Se hai letto il capolavoro Nudge – La spinta gentile di Thaler e Sunstein ti sarai innamorato anche tu dell’ossimoro con cui viene riassunto il messaggio dell’opera: “paternalismo libertario” che significa “so che la tua idea è sbagliata e voglio che tu faccia come ti dico, ma nel rispetto della tua libertà di scelta”; se vogliamo è una cazzata ancora più grande del “portare soavemente a sé”, ma qui almeno l’intenzione è rappresentata da quel soggetto che potremmo chiamare “il buon padre di famiglia” (già ai tempi del diritto romano veniva citato questo epico cavaliere dell’onestà) cioè colui che, a differenza di quello del concetto win-win, non guadagna nulla dal convincerti a fare una cosa, ma è semmai totalmente concentrato sul tuo bene. Però restiamo abbracciati allo scivoloso palo del concetto “il tuo bene”, cosa talmente oscura o inconscia (approfondiremo più avanti) che pare nessuno possa dire di conoscere.
Ed effettivamente potrebbe essere “paternalismo libertario” il testo "Il fumo uccide!" stampato sui pacchetti di sigarette, salvo poi creare confusione nella mente del fumatore per il contrasto tra il messaggio e la sua libera vendita. Invece il vero paternalismo libertario è occulto all’utente che non si deve rendere conto di essere manovrato.
E il punto è proprio questo: la confusione che abbiamo costantemente nella mente, l’accozzaglia e la lotta intestina tra ciò che siamo convinti sia giusto, ma non facciamo, e ciò che invece è il male assoluto a cui purtroppo cediamo così spesso da non accorgercene neanche più.
È irrazionalità.
Ne parleremo più avanti, ma nel frattempo ammettiamolo, diciamolo ad alta voce tutti insieme: “Sono irrazionale!”. Ripetiamolo. Ripetiamolo, ripetiamolo e ripetiamolo ancora. Ammettere una debolezza è sempre il primo passo.

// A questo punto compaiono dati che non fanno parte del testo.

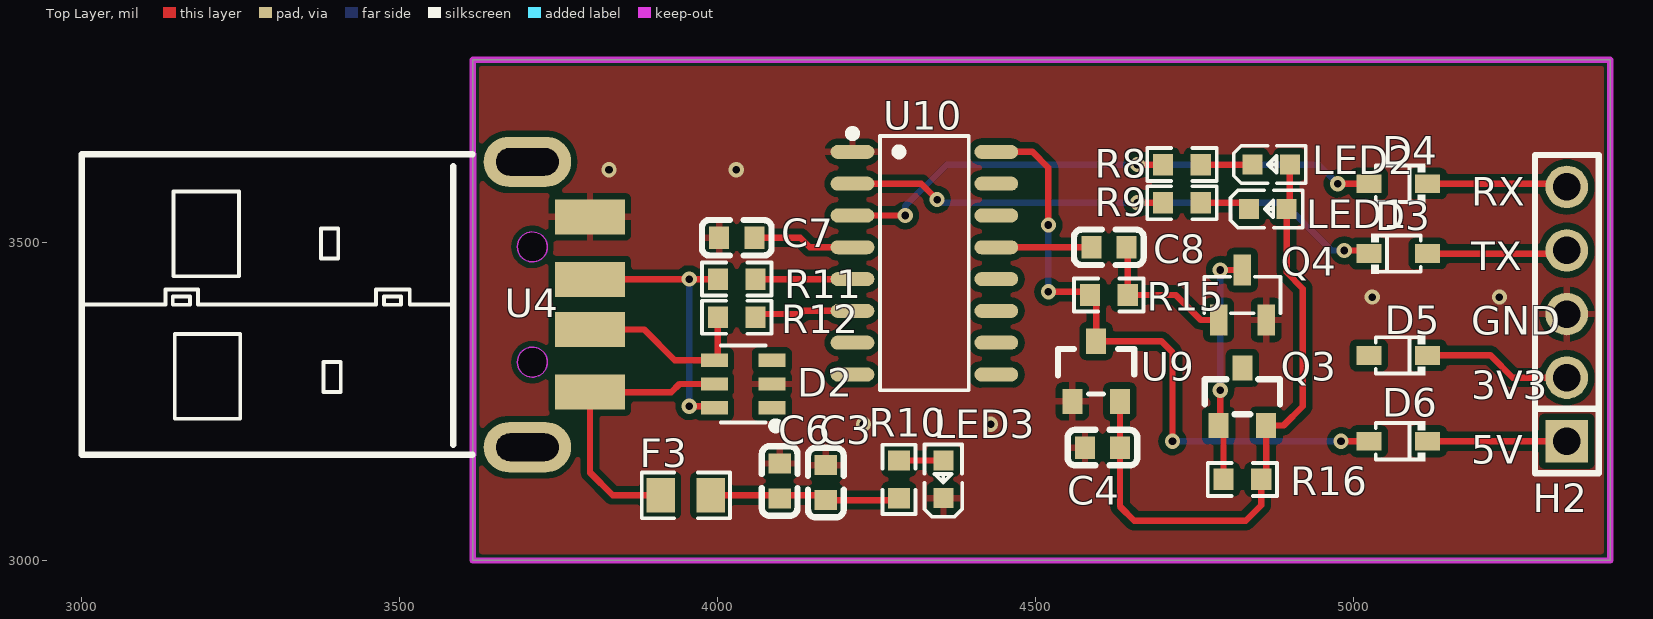
[diagram p0: Top Layer view]
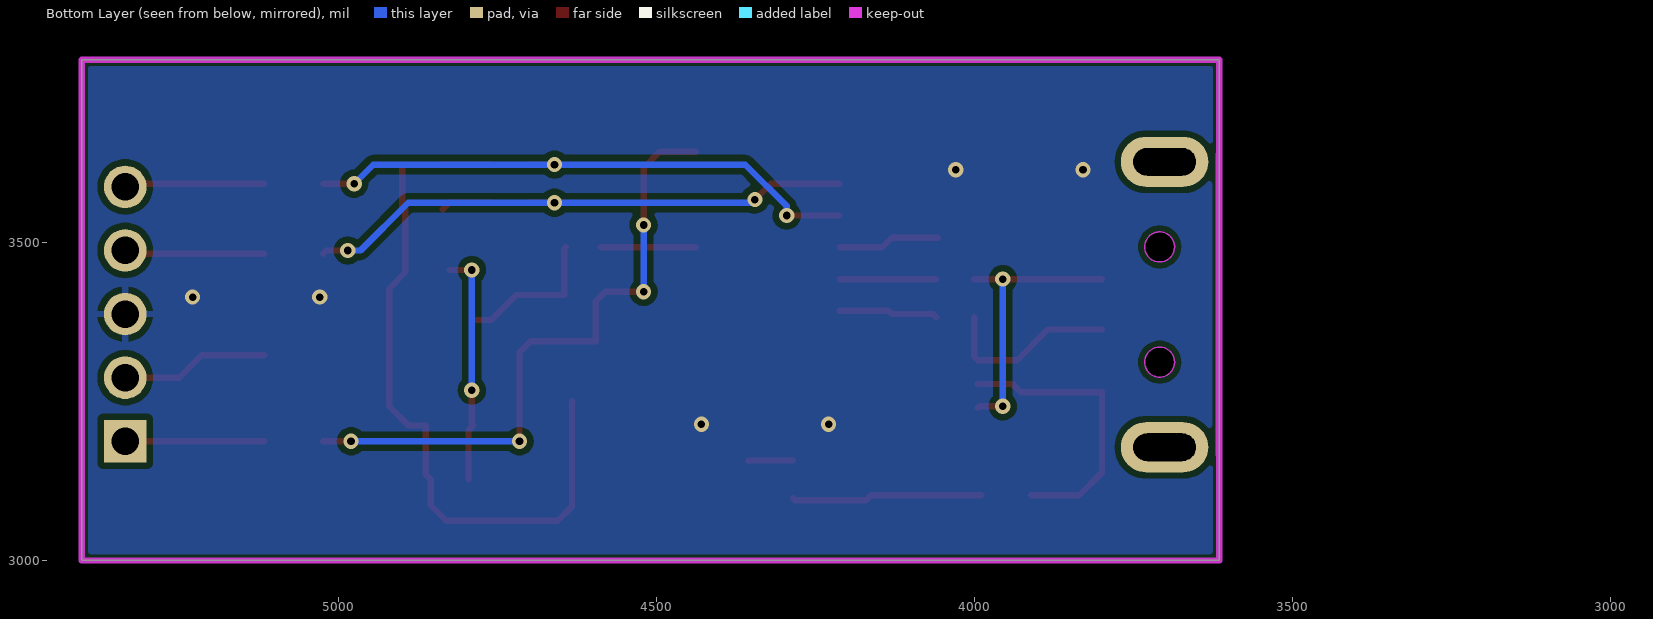
[diagram p1: Bottom Layer view, seen from below]
# Altium PCB MISC51088.pcbdoc
Units mil, origin at the board's own origin, x right, y up, seen from the top; angles counter-clockwise.
Board outline 1788.5 x 787.4 mil, 2 copper layers (Top Layer, Bottom Layer), stack 62.206 mil thick; 27 components, 24 nets, 82 pads, 20 vias.

## Layer stack, top to bottom
Top Solder Mask Layer: solder mask 0.394, Dk 3.3
Top Layer: signal copper 1.379
Dielectric1: surface 59.449, FR4, Dk 4.5
Bottom Layer: signal copper 1.378
Bottom Solder Mask Layer: solder mask 0.394, Dk 3.3

## Board outline
3615.01,3787.4 3615.01,3000 5403.51,3000 5403.51,3787.4

## Design rules (kind name [scope] priority, off if disabled: settings)
BoardOutlineClearance copperThickness2oz_1 [All] p2 off: genericclearance=7.99 ignorepadtopadclearanceinfootprint=FALSE except(0: Arc-SplitContinuation Track-SplitContinuation SMDPad-SplitContinuation THPad-SplitContinuation Via-SplitContinuation Fill-SplitContinuation Region-SplitContinuation Poly-SplitContinuation Text-SplitContinuation Hole-SplitContinuation; 5.98: Arc-CutoutEdge SMDPad-CutoutEdge THPad-CutoutEdge Via-CutoutEdge Fill-CutoutEdge Region-CutoutEdge Text-CutoutEdge; 6.93: Hole-OutlineEdge Hole-CutoutEdge; 10: Poly-OutlineEdge Poly-CutoutEdge; 11.81: Arc-OutlineEdge Track-OutlineEdge SMDPad-OutlineEdge THPad-OutlineEdge Via-OutlineEdge Fill-OutlineEdge Region-OutlineEdge Text-OutlineEdge Track-CutoutEdge)
BoardOutlineClearance Plane_innerPlane_1 [All] p4 off: genericclearance=4.02 ignorepadtopadclearanceinfootprint=FALSE except(0: Arc-SplitContinuation Track-SplitContinuation SMDPad-SplitContinuation THPad-SplitContinuation Via-SplitContinuation Fill-SplitContinuation Region-SplitContinuation Poly-SplitContinuation Text-SplitContinuation Hole-SplitContinuation; 6: SMDPad-CutoutEdge THPad-CutoutEdge Via-CutoutEdge Fill-CutoutEdge Region-CutoutEdge Text-CutoutEdge; 6.93: Hole-OutlineEdge Hole-CutoutEdge; 10: Poly-OutlineEdge Poly-CutoutEdge; 11.8: Arc-OutlineEdge Track-OutlineEdge SMDPad-OutlineEdge THPad-OutlineEdge Via-OutlineEdge Fill-OutlineEdge Region-OutlineEdge Text-OutlineEdge; 11.81: Arc-CutoutEdge Track-CutoutEdge)
BoardOutlineClearance Copper_copperRegion_1 [All] p6 off: genericclearance=4.02 ignorepadtopadclearanceinfootprint=FALSE except(0: Arc-SplitContinuation Track-SplitContinuation SMDPad-SplitContinuation THPad-SplitContinuation Via-SplitContinuation Fill-SplitContinuation Region-SplitContinuation Poly-SplitContinuation Text-SplitContinuation Hole-SplitContinuation; 6: SMDPad-CutoutEdge THPad-CutoutEdge Via-CutoutEdge Fill-CutoutEdge Region-CutoutEdge Text-CutoutEdge; 6.93: Hole-OutlineEdge Hole-CutoutEdge; 10: Poly-OutlineEdge Poly-CutoutEdge; 11.8: Arc-OutlineEdge Track-OutlineEdge SMDPad-OutlineEdge THPad-OutlineEdge Via-OutlineEdge Fill-OutlineEdge Region-OutlineEdge Text-OutlineEdge; 11.81: Arc-CutoutEdge Track-CutoutEdge)
BoardOutlineClearance Copper_copperRegion_copperThickness1oz_1 [All] p8 off: genericclearance=4.02 ignorepadtopadclearanceinfootprint=FALSE except(0: Arc-SplitContinuation Track-SplitContinuation SMDPad-SplitContinuation THPad-SplitContinuation Via-SplitContinuation Fill-SplitContinuation Region-SplitContinuation Poly-SplitContinuation Text-SplitContinuation Hole-SplitContinuation; 6: SMDPad-CutoutEdge THPad-CutoutEdge Via-CutoutEdge Fill-CutoutEdge Region-CutoutEdge Text-CutoutEdge; 6.93: Hole-OutlineEdge Hole-CutoutEdge; 10: Poly-OutlineEdge Poly-CutoutEdge; 11.8: Arc-OutlineEdge Track-OutlineEdge SMDPad-OutlineEdge THPad-OutlineEdge Via-OutlineEdge Fill-OutlineEdge Region-OutlineEdge Text-OutlineEdge; 11.81: Arc-CutoutEdge Track-CutoutEdge)
BoardOutlineClearance Copper_copperRegion_Copper_copperRegion_1 [All] p10 off: genericclearance=4.02 ignorepadtopadclearanceinfootprint=FALSE except(0: Arc-SplitContinuation Track-SplitContinuation SMDPad-SplitContinuation THPad-SplitContinuation Via-SplitContinuation Fill-SplitContinuation Region-SplitContinuation Poly-SplitContinuation Text-SplitContinuation Hole-SplitContinuation; 6: SMDPad-CutoutEdge THPad-CutoutEdge Via-CutoutEdge Fill-CutoutEdge Region-CutoutEdge Text-CutoutEdge; 6.93: Hole-OutlineEdge Hole-CutoutEdge; 10: Poly-OutlineEdge Poly-CutoutEdge; 11.8: Arc-OutlineEdge Track-OutlineEdge SMDPad-OutlineEdge THPad-OutlineEdge Via-OutlineEdge Fill-OutlineEdge Region-OutlineEdge Text-OutlineEdge; 11.81: Arc-CutoutEdge Track-CutoutEdge)
BoardOutlineClearance copperThickness1oz_1 [All] p12: genericclearance=4.02 ignorepadtopadclearanceinfootprint=FALSE except(0: Arc-SplitContinuation Track-SplitContinuation SMDPad-SplitContinuation THPad-SplitContinuation Via-SplitContinuation Fill-SplitContinuation Region-SplitContinuation Poly-SplitContinuation Text-SplitContinuation Hole-SplitContinuation; 6: SMDPad-CutoutEdge THPad-CutoutEdge Via-CutoutEdge Fill-CutoutEdge Region-CutoutEdge Text-CutoutEdge; 6.93: Hole-OutlineEdge Hole-CutoutEdge; 10: Poly-OutlineEdge Poly-CutoutEdge; 11.8: Arc-OutlineEdge Track-OutlineEdge SMDPad-OutlineEdge THPad-OutlineEdge Via-OutlineEdge Fill-OutlineEdge Region-OutlineEdge Text-OutlineEdge; 11.81: Arc-CutoutEdge Track-CutoutEdge)
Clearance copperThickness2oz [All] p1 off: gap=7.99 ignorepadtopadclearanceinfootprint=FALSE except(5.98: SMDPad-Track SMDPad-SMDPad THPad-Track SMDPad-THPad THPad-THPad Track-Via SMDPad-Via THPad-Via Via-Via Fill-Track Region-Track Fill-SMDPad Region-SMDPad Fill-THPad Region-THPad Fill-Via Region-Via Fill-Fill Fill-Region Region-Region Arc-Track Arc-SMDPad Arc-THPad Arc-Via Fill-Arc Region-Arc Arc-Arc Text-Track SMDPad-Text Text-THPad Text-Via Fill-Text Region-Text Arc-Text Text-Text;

“Ma allora anche esprimere la più banale delle opinioni diventa un’aggressione alla libertà di pensiero degli altri?”
Certo che no. Il problema di fondo è la tecnica con la quale cerchiamo approvazione. Ad esempio, citare le storie di successo della nostra azienda e parlare delle selling proposition dei nostri prodotti sarebbe etico se citassimo anche i casi di insuccesso e i punti deboli. E se avessimo il coraggio di farlo scopriremmo quanto nel medio e lungo periodo questa onestà è in grado di costruire inscalfibili reputazione e credibilità.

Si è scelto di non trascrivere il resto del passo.